Most physician-scientists are intense, motivated and focused, but Keith T. Flaherty, MD, takes it to another level. Even as a young doctor, his passion and certainty that cancer could be, and should be, cured impressed his mentors.
“You get this sense of urgency from him, this ‘I need to do this now, in whatever time I have,’” said Lynn Schuchter, MD, chief of the division of Hematology Oncology and director of the Tara Miller Melanoma Center at the Hospital at the University of Pennsylvania, where Flaherty did his fellowship. “He is the [Alexander] Hamilton of medicine. That’s what went through my mind as I was thinking about him and his work.”
As the director of clinical research and chair in oncology at the Massachusetts General Hospital (Mass General) Cancer Center, the Baltimore, Maryland, native was one of the first to investigate targeted therapy for melanoma patients with the BRAF mutation.
Flaherty said he likes it when someone says that something cannot be done so he can prove them wrong, whether it is developing a targeted therapy to shut down the BRAF mutation or designing a model of a rare NTRK fusion that few had investigated because it appeared in just 0.3% of all cancers.
“I want something I can put my shoulder into. What’s the bottleneck here? What’s the problem?” he said.
His love of challenges combined with his gift for teamwork made him a natural choice to coordinate novel coronavirus disease 2019 (COVID-19) research at Mass General after the pandemic turned the medical landscape upside-down. He brought physicians, researchers and the pharmaceutical industry to the table and described the experience as medicine on “warp speed.”
Although working in oncology is a fairly collaborative field, he said, there is still a lot of pressure to claim data or studies as your own, often resulting in people refusing to share their work. All that ego has been dropped when it comes to finding a treatment for COVID-19, he said.
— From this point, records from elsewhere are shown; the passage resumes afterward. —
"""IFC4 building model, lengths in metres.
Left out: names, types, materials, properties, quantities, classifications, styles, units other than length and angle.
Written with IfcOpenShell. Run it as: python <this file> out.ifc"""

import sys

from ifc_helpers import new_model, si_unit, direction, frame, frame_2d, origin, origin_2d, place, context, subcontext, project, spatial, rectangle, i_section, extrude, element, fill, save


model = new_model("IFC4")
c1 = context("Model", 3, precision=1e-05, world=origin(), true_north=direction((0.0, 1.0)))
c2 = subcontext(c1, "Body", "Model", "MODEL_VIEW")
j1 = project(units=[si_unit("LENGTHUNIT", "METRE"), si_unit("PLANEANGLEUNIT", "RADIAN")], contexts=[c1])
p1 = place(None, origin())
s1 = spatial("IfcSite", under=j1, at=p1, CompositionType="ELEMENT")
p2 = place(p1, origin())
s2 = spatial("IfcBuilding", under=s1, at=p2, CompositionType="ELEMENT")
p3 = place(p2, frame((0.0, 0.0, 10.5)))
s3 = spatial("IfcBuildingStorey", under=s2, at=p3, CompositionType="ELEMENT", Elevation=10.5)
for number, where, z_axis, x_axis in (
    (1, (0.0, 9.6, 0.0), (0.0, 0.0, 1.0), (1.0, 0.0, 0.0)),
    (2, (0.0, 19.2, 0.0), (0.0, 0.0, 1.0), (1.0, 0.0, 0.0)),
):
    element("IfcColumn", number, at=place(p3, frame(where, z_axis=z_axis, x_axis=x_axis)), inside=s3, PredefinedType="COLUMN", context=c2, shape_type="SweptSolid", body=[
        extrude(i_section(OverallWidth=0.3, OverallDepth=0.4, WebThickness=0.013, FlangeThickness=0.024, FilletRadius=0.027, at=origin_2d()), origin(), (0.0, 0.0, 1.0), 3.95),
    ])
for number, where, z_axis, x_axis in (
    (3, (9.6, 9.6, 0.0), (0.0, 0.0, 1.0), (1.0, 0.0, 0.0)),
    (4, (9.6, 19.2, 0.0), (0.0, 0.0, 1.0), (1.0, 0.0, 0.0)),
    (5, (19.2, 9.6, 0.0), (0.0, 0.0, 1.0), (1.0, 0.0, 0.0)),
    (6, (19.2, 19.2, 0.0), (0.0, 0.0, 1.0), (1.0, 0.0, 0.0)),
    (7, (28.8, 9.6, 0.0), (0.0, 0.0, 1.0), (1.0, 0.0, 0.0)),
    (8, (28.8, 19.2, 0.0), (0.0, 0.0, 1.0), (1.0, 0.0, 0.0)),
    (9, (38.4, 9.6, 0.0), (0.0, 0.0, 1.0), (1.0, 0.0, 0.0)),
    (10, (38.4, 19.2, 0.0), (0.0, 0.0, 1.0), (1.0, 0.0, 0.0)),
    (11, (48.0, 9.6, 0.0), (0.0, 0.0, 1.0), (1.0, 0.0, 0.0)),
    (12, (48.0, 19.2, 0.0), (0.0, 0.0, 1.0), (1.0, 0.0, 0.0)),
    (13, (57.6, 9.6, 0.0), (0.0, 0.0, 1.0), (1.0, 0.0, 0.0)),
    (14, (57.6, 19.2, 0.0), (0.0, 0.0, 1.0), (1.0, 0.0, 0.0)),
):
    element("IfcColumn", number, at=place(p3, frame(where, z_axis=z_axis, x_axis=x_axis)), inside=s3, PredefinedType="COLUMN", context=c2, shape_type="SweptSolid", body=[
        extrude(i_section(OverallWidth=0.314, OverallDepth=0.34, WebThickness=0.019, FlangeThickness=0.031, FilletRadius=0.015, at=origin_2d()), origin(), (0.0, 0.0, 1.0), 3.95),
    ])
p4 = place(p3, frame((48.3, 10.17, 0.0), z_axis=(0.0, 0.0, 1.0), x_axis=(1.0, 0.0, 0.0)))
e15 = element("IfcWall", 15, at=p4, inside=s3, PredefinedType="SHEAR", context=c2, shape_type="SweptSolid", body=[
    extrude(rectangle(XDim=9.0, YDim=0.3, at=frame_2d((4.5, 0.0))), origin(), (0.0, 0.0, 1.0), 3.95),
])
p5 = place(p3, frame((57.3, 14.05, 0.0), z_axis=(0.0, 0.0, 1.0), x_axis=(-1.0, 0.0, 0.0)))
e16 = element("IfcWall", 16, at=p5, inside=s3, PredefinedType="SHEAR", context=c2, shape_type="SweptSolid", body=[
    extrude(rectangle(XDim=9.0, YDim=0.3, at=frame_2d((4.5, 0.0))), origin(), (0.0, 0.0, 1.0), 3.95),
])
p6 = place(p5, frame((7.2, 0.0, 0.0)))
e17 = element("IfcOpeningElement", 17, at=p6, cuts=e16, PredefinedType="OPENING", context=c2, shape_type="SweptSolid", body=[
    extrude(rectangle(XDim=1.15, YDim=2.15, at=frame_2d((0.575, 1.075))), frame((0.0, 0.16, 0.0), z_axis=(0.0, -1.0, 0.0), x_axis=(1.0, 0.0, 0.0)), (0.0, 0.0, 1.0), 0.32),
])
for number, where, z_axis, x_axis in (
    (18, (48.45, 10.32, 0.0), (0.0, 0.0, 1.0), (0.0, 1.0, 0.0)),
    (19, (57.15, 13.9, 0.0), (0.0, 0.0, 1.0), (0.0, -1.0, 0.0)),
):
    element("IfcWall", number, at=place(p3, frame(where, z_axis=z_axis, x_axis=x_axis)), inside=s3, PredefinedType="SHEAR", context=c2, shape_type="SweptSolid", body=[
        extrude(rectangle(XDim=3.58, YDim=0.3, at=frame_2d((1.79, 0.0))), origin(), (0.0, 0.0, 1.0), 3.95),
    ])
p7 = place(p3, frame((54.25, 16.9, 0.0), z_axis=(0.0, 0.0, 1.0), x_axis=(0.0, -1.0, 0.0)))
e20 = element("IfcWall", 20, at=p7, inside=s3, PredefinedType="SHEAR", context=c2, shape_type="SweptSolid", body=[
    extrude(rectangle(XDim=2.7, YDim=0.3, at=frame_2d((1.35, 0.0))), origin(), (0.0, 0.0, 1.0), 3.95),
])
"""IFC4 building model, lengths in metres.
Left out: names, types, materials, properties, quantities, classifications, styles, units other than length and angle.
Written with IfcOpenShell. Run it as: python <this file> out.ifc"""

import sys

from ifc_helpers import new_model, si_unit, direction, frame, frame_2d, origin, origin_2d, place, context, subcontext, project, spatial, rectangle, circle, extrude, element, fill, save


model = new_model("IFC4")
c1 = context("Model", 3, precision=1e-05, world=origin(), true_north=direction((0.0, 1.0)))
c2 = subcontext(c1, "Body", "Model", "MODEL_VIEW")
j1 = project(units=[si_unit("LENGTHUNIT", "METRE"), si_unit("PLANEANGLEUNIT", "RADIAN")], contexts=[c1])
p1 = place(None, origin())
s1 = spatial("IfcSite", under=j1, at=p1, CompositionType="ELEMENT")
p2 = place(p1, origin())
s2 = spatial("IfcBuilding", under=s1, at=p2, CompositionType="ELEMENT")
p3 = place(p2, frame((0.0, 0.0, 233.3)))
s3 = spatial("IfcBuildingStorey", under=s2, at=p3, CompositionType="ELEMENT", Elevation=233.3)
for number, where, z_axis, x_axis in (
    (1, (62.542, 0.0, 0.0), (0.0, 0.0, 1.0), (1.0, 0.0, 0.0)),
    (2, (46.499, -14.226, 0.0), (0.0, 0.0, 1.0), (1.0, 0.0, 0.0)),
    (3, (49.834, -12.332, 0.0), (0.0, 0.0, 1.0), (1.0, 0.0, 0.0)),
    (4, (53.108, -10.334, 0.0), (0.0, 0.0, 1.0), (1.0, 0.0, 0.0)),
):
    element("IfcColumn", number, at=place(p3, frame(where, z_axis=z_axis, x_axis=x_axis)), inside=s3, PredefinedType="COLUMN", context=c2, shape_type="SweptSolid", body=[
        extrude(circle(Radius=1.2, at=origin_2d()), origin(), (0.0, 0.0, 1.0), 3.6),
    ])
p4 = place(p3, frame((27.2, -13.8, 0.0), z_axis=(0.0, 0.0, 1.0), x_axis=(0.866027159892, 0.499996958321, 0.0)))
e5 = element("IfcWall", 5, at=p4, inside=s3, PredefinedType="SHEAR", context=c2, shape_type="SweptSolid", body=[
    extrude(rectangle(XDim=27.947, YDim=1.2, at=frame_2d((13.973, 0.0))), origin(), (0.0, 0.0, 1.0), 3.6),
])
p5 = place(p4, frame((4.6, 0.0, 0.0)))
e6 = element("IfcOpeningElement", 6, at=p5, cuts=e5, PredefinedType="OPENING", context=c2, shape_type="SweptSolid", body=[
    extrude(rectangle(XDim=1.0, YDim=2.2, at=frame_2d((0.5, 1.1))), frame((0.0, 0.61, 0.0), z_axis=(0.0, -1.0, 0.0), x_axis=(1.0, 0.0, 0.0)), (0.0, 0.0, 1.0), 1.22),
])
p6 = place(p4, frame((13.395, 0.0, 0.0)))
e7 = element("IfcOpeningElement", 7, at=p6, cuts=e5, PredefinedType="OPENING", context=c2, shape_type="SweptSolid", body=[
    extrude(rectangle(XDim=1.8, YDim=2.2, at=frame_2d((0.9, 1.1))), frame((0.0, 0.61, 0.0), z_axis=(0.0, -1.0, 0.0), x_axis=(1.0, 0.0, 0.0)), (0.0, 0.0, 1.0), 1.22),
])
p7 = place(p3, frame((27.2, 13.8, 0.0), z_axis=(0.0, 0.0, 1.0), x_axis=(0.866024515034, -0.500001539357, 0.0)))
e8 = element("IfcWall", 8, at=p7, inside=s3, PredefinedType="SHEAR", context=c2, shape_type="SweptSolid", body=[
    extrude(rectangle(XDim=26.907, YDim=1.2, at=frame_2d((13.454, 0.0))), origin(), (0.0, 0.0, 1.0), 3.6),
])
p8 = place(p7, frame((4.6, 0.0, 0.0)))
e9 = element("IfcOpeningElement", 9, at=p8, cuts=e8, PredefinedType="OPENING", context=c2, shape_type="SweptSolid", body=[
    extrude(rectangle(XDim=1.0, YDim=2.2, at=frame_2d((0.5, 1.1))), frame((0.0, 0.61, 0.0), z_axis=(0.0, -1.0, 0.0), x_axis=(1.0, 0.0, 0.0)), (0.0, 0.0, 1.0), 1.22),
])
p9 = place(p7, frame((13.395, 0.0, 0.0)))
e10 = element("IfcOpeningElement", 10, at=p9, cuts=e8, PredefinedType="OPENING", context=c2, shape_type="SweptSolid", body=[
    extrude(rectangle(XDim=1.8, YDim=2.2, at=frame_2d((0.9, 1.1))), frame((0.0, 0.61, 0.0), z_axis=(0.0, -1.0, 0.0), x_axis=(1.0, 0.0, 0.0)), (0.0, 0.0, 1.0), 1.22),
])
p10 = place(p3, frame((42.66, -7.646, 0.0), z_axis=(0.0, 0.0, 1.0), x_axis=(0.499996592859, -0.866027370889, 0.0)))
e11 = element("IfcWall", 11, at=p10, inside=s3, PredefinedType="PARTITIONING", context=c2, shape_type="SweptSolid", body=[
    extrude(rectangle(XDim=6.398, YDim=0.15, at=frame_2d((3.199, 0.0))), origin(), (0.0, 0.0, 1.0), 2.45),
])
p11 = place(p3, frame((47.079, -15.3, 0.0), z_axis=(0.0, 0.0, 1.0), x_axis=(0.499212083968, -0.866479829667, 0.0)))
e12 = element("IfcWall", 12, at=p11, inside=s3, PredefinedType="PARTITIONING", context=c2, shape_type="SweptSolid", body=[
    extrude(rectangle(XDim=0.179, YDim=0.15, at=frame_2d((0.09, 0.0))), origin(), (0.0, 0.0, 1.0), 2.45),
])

“With COVID-19, that all went away. There are data dumps of every kind...it’s phenomenal. If you contact a drug company because something they have might plausibly work, they say, ‘Here, use it, we will give you this investigational drug however you want it, no charge,’ ” he said. “We have the FDA and IRBs [institutional review boards] turning around things in 24 hours or less that used to take 6 months. It’s exhilarating, because it shows you in almost every way how things could operate.”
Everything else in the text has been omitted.